From Christopher Jargodzki’s books Science Brain-Twisters (1976) and Mad About Physics (2002).
Timothy and Urban are playing a game with two six-sided dice. The dice are unusual: Rather than bearing a number, each face is painted either red or blue.
The two take turns throwing the dice. Timothy wins if the two top faces are the same color, and Urban wins if they’re different. Their chances of winning are equal.
The first die has 5 red faces and 1 blue face. What are the colors on the second die?
Throwing two six-sided dice produces 36 possible outcomes. If Timothy and Urban have equal chances of winning, then there must be 18 outcomes in which both dice display the same color. If x is the number of red faces on the second die, then:
18 = 5x + 1(6 – x)
x = 3
The second die must have 3 red faces and 3 blue faces.
(From Pierre Berloquin, 100 Numerical Games, 1994.)

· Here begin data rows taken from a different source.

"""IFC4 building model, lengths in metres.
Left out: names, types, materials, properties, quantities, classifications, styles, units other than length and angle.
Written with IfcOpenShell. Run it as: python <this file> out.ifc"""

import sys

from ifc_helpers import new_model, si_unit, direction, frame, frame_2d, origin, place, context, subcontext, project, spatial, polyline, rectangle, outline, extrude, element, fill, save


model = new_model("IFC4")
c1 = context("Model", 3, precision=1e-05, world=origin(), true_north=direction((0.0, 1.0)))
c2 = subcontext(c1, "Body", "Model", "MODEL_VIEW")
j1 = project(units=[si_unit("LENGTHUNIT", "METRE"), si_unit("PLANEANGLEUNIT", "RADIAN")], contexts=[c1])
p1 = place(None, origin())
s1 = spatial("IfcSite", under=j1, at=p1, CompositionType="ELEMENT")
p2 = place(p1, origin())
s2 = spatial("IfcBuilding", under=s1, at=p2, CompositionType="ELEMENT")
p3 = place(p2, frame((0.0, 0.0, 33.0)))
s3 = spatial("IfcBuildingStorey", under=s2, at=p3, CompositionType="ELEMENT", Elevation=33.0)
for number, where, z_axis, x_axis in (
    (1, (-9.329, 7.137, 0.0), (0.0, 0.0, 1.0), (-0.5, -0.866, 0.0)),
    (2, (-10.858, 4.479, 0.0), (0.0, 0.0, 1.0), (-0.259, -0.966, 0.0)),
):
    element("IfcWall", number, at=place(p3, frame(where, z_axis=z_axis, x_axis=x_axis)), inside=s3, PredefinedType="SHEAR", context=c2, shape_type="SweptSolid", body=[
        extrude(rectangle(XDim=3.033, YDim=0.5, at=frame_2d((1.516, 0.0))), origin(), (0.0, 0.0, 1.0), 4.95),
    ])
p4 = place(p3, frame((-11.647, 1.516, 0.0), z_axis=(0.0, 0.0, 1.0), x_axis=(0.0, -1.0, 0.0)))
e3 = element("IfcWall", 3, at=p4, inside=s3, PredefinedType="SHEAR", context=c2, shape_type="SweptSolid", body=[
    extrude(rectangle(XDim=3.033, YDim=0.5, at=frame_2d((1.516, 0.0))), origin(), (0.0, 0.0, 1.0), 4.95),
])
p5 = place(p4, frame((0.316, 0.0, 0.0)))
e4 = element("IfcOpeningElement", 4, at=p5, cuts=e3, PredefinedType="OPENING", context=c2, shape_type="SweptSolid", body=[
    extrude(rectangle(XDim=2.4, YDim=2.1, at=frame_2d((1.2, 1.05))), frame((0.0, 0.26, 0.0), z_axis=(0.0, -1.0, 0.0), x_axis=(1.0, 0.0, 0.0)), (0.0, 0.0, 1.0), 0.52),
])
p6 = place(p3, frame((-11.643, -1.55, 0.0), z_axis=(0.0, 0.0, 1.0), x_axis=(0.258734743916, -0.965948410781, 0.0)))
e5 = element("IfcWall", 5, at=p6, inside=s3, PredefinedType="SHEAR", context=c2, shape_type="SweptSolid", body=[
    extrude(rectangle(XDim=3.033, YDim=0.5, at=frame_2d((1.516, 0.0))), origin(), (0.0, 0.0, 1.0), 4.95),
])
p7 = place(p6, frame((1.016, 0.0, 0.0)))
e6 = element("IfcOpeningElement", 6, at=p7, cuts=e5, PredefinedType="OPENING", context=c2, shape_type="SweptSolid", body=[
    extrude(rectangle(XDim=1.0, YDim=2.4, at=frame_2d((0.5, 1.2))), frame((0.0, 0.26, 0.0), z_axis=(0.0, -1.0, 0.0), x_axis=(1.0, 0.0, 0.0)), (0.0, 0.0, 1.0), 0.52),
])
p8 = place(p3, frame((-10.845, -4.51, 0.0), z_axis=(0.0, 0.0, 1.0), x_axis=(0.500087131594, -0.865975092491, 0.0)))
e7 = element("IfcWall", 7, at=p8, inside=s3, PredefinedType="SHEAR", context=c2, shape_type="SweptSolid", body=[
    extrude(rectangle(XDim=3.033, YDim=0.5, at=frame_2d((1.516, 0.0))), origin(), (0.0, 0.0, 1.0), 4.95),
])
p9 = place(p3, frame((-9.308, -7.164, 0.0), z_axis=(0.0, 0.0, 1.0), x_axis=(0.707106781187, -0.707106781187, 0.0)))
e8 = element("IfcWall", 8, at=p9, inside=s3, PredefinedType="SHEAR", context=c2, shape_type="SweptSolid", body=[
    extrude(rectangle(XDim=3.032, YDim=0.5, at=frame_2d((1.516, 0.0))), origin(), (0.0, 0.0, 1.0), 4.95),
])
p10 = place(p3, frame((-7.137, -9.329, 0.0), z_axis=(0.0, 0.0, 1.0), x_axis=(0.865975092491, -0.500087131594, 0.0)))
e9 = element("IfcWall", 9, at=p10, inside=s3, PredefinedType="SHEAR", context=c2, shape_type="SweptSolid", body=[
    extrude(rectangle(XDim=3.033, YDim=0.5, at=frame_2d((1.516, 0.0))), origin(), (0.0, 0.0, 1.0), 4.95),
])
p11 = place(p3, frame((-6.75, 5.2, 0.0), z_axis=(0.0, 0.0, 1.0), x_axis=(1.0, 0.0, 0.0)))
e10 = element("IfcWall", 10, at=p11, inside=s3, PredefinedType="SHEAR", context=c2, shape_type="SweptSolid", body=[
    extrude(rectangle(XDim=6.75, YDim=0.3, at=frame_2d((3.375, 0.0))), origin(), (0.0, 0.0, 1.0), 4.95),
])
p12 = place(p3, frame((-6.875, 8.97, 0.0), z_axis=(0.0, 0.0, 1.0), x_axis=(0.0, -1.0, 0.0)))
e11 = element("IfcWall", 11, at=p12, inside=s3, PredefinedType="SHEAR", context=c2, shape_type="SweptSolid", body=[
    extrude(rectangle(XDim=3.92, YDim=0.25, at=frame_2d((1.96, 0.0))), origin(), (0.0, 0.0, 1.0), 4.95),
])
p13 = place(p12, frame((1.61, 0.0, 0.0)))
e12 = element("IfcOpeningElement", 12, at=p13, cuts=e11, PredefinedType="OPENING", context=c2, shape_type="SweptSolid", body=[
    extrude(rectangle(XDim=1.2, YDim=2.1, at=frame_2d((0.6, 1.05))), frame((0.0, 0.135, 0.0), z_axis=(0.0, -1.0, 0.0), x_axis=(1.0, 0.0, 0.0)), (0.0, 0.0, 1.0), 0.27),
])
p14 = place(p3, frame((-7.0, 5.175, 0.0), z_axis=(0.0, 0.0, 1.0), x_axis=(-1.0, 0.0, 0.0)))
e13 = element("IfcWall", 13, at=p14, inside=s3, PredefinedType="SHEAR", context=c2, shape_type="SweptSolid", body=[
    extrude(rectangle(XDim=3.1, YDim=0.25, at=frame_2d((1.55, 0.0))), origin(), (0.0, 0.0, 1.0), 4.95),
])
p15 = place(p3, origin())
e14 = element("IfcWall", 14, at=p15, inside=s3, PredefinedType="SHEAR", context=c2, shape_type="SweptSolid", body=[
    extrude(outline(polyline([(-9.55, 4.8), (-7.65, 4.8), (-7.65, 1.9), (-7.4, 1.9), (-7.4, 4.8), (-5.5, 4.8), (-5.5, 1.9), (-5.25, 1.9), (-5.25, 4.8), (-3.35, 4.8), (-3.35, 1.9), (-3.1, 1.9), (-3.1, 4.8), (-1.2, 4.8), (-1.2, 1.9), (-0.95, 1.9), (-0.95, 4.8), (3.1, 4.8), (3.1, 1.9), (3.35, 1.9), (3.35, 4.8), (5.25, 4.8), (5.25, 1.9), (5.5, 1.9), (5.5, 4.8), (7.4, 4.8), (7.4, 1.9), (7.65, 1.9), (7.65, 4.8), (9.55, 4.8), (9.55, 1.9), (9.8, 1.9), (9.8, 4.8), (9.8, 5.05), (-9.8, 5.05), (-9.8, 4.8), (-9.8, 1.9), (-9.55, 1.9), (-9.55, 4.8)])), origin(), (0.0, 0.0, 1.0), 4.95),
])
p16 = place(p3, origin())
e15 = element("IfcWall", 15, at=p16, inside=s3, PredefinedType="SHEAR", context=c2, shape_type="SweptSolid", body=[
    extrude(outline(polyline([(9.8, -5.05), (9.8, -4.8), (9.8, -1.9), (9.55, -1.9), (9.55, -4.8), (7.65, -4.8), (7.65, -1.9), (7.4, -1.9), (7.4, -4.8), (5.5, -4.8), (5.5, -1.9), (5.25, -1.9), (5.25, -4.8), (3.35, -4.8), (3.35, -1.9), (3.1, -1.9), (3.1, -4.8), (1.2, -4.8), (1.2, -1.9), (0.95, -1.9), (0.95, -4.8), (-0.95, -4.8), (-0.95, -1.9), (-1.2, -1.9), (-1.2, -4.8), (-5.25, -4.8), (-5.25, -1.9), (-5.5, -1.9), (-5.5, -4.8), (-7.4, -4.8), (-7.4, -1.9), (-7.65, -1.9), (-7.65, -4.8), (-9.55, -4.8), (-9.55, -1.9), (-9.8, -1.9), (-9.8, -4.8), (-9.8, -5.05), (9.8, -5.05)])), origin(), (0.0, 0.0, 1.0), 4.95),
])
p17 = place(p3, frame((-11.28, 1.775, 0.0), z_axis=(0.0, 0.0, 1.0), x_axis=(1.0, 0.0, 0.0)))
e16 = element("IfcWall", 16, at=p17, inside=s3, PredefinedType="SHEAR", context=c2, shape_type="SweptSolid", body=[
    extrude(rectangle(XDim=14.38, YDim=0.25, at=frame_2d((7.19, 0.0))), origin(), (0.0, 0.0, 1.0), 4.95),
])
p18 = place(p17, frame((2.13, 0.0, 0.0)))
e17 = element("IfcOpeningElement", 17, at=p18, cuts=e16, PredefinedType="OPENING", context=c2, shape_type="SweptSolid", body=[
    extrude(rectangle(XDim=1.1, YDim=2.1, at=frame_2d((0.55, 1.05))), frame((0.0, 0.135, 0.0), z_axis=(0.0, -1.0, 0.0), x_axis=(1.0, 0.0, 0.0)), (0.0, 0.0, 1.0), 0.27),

From the Second All Soviet Union Mathematical Competition, Leningrad 1968:
On a teacher’s desk sits a balance scale, on which are a set of weights. On each weight is the name of at least one student. As each student enters the classroom, she moves all the weights that bear her name to the other side of the scale.
Before any students enter, the scale is tipped to the right. Prove that there’s some set of students that you can let into the room that will will tip the scale to the left.
Make a list of all possible subsets of the students, including the empty set and the full set, and suppose you let in all of these groups. Each weight would spend half its time in the left pan and half in the right, so the total weight for each pan is the same. Since the empty set produces a tip to the right, there must be some other set that produces a tip to the left.
Two circles intersect. A line AC is drawn through one of the intersection points, B. AC can pivot around point B — what position will maximize its length?
Call the other intersection point D and draw AD and DC. All angles inscribed in a circle and subtended by the same chord are equal, so angle BAD retains the same measure as A travels around its circle. Similarly, angle BCD remains the same as C travels around its circle. This means that triangle ADC will always have the same shape: As line AC pivots around B, triangle ADC will vary in size but remain self-similar.
So which position will maximize its size? AD and DC are chords of their respective circles, and the longest chord is a diameter. So turn the triangle until both of these lines are diameters (this will happen simultaneously); at that point triangle ADC will reach its maximum size and line AC its maximum length.
From Mogens Larsen in Richard Guy and Robert Woodrow, eds., The Lighter Side of Mathematics, 1994.